The International of immobility: the Lega-M5S axis

But the real ‘masterpiece’ of the voting day took place in the ranks of the Italian delegation. In a moving as well as grotesque throwback, the League and the 5 Star Movement found themselves united in voting for the postponement. A ‘yellow-green axis’ in Strasbourg version marching compactly towards international irrelevance, rediscovering an understanding that seemed buried since the days of the first Conte government.

The M5S confirms its nature as the ‘bureaucrats of no’. The paladins of direct democracy, those who wanted to ‘open Parliament like a can of tuna fish’, today take refuge in judicial technocracy. They are hoping that it will be the judges of the Court of Justice who will pull their chestnuts out of the fire, preventing them from having to explain to the voters why a party that claims to be ‘progressive’ prefers isolationism to coordinated development with democratic partners. This is the populism of perpetual doubt, where not deciding is the only form of political survival left.

The League and ‘beach sovereignty’

But it is on the Lega that sarcasm risks becoming bitter resignation. The party that flies the flag of ‘Made in Italy’ every day has voted against the agreement that would eliminate duties on over 90% of our goods, opening the door wide to the excellence of our mechanics, design and quality agri-foodstuffs. Why? Because, according to their narrative, protection means closure.

It is the sovereignism of small things: the Lega makes a big voice against international treaties, against theEuro (in alternating phases) and against the ESM (out of pure ideological flag-waving), but it becomes minuscule and servile when it comes to touching the privileges of taxi drivers and bathers. They are the giants of anti-Brussels rhetoric, but they barricade themselves behind the privileges of corporations that have been blocking the country for decades. They fiercely defend Cervia’s bathing beach and Rome’s blocked taxi licence, but scuttle the export industry in the North that is the nation’s real economic engine.

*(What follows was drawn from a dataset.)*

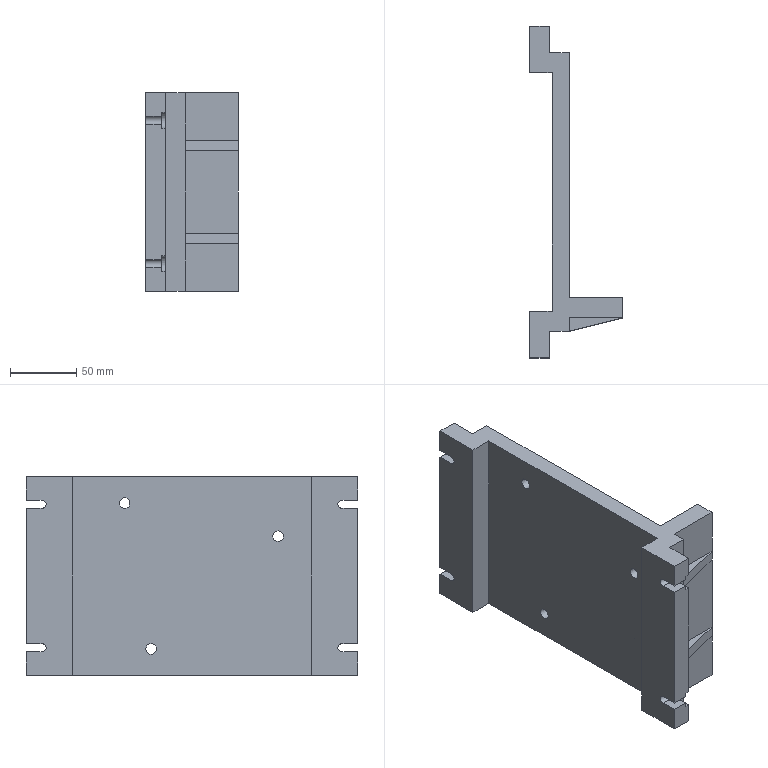Component | NX | JIG_BODY | 1 solid | 77 faces | volume 654693 mm3 | plane 52 | cylinder 18 | cone 7 | commonest cylinder face diameters 8 x10 12 x4 6 x4
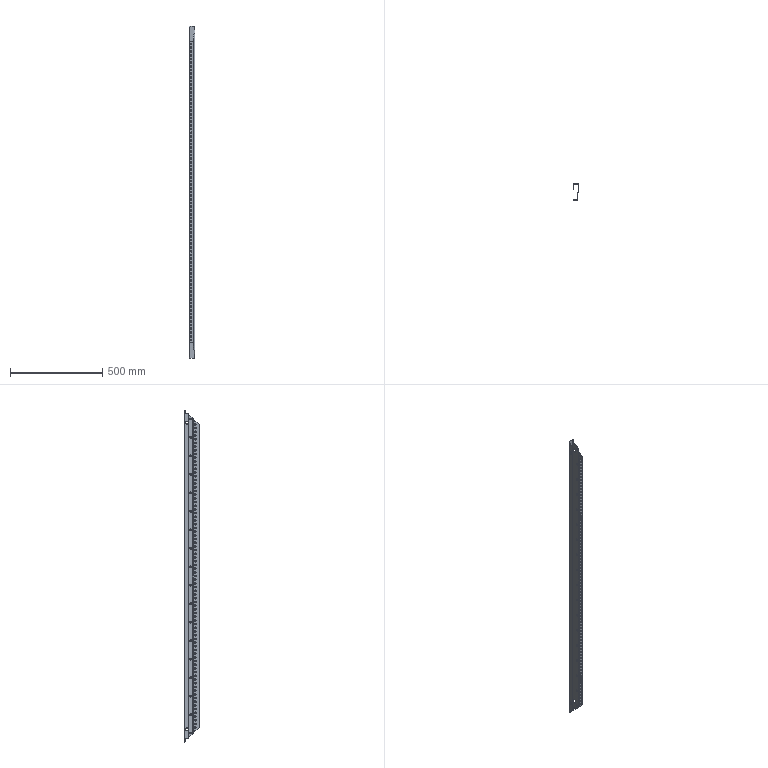Component | SolidWorks | HighVoltageCabinetFrameAssembly-1_HighVoltageCabinetVerticalFrame-2 | 1 solid | 448 faces | volume 518938 mm3 | cylinder 406 | plane 32 | spline 10 | commonest cylinder face diameters 9.2 x367 7.2 x16 22 x7 16 x6 1.473 x5 5.473 x5 | material Plain Carbon Steel

For the Carroccio, sovereignty is not Italy’s ability to weigh in the world, but the defence of an immobile economy made up of dusty concessions and position rents.

The Hypocrisy of Standards and the Labyrinth of Daedalus

The postponement is presented as a noble defence of the environment and human rights. Let us call it by its name: agricultural protectionism masquerading as virtue. It is intellectually dishonest to use the ECJ to resolve issues that are purely economic and political. If the EU applied this supposed moral rigour to all its trade, we would have to stop importing gas, oil and rare earths from three quarters of our current partners. Instead, it prefers to give a gift to the most reactionary agricultural lobbies, sacrificing opportunities for our most innovative companies on the altar of immediate consensus.

Who will want to sit at the table with the EU in the future?

After 20 years of gruelling negotiations, ending up in appeals limbo is an insult to international diplomacy. Europe appears today as an unreliable partner, trapped in its own crossed vetoes and byzantine procedures. We have become a Daedalus Labyrinth: treaties enter it alive, full of promise, and leave years later in the form of bureaucratic dust, while our partners have already changed their phone numbers.

With today’s decision, the European Parliament has not protected citizens’ standards: it has simply confirmed that the Union has become a giant with feet of clay, unable to move for fear of tripping over its own quibbles. And Italy, represented by those who dream of a country enclosed in an enclosure between a beach umbrella and a taxi ride, risks being the first victim of this collective suicide.